Good people don't do that. Because that's a horrible thing to do. And I question why one would want to do things like that, which DOES RUIN and I mean RUIN their spouses life, or end it with STDs, and still call themselves as good person.

Because as pointless as you think this 'labelling' may be, it obviously gives the WS some comfort if they're so determined to think of themselves as a good person, despite what their BS thinks and feels. You know, the person who is literally suffering from the consequences more due to the fact that they didn't chose them, if not for the fact that it will hurt them for longer (forever, ask me how I know).

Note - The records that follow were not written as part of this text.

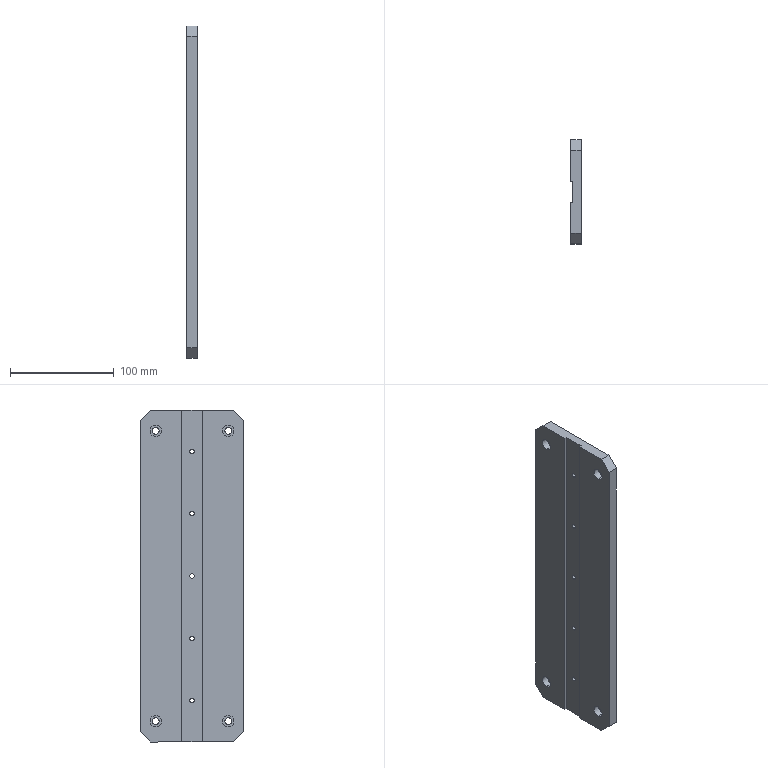Component | SolidWorks | SidePlate-2 | 1 solid | 44 faces | box 10.02 x 100 x 320 mm | volume 301720 mm3 | cylinder 26 | plane 18 | commonest cylinder face diameters 4.2 x10 11 x8 6.6 x8
build123d program:
from build123d import *

# Parameters (mm, degrees)
SKETCH1_W                                       = 320
SKETCH1_H                                       = 100
BOSS_EXTRUDE1_DEPTH                             = 10
CHAMFER1_SIZE                                   = 10
M6_HEX_SOCKET_HEAD_CAP_SCREW_CBORE1_D           = 6.6
M6_HEX_SOCKET_HEAD_CAP_SCREW_CBORE1_CBORE_D     = 11
M6_HEX_SOCKET_HEAD_CAP_SCREW_CBORE1_CBORE_DEPTH = 6.4
M5_TAPPED_HOLE1_D                               = 4.2
SKETCH7_W                                       = 320
SKETCH7_H                                       = 20
CUT_EXTRUDE1_DEPTH                              = 2


with BuildPart() as part:
    # Sketch1 → Boss-Extrude1 (new body)
    with BuildSketch(Plane.XY):
        Rectangle(SKETCH1_W, SKETCH1_H)
    extrude(amount=BOSS_EXTRUDE1_DEPTH)

    # Chamfer1
    chamfer1_edges = [part.edges().sort_by_distance(p)[0] for p in [
        (-160, 50, 5),
        (160, 50, 5),
        (160, -50, 5),
        (-160, -50, 5),
    ]]
    chamfer(chamfer1_edges, length=CHAMFER1_SIZE)

    # M6 Hex Socket Head Cap Screw CBORE1 (through all)
    with Locations(Plane.XY.offset(10)):
        with Locations((-140, 35), (-140, -35), (140, 35), (140, -35)):
            CounterBoreHole(M6_HEX_SOCKET_HEAD_CAP_SCREW_CBORE1_D / 2, M6_HEX_SOCKET_HEAD_CAP_SCREW_CBORE1_CBORE_D / 2, M6_HEX_SOCKET_HEAD_CAP_SCREW_CBORE1_CBORE_DEPTH)

    # M5 Tapped Hole1 (through all)
    with Locations(Plane.XY.offset(10)):
        with Locations((0, 0), (-60, 0), (-120, 0), (60, 0), (120, 0)):
            Hole(M5_TAPPED_HOLE1_D / 2)

    # Sketch7 → Cut-Extrude1 (cut)
    with BuildSketch(Plane.XY.offset(10)):
        Rectangle(SKETCH7_W, SKETCH7_H)
    extrude(amount=-CUT_EXTRUDE1_DEPTH, mode=Mode.SUBTRACT)


solid = part.part

# Placed as in the assembly
solid = solid.moved(Location((1994.163, 3833.765, 1079.241), (0, -90, 0)))

It matters, owning up to our actions and changing the way we behave is affect what kind of people we are. We are our actions, we are how we treat people, how we keep our word about how we'll treat our family. We don't begrudge children who've been mistreated the right to determine what kind of people their parents are and I think this is because people rightly hold parents accountable for how they treat their children (as they are vulnerable) in their care.

For me, that goes for spouses as well. They are in our care. When we don't give them the full information they ate vulnerable because of that, if not for the fact that they are human. Maybe that helps others who don't get it from a spouse point of view. But honestly, I would judge the way someone's treats anyone, if we aren't our actions then we aren't anything, because our good intentions alone certainly don't make us good people.

We judge ourselves as employees, our moods, our marriages, everything as good or bad. It's not different for people.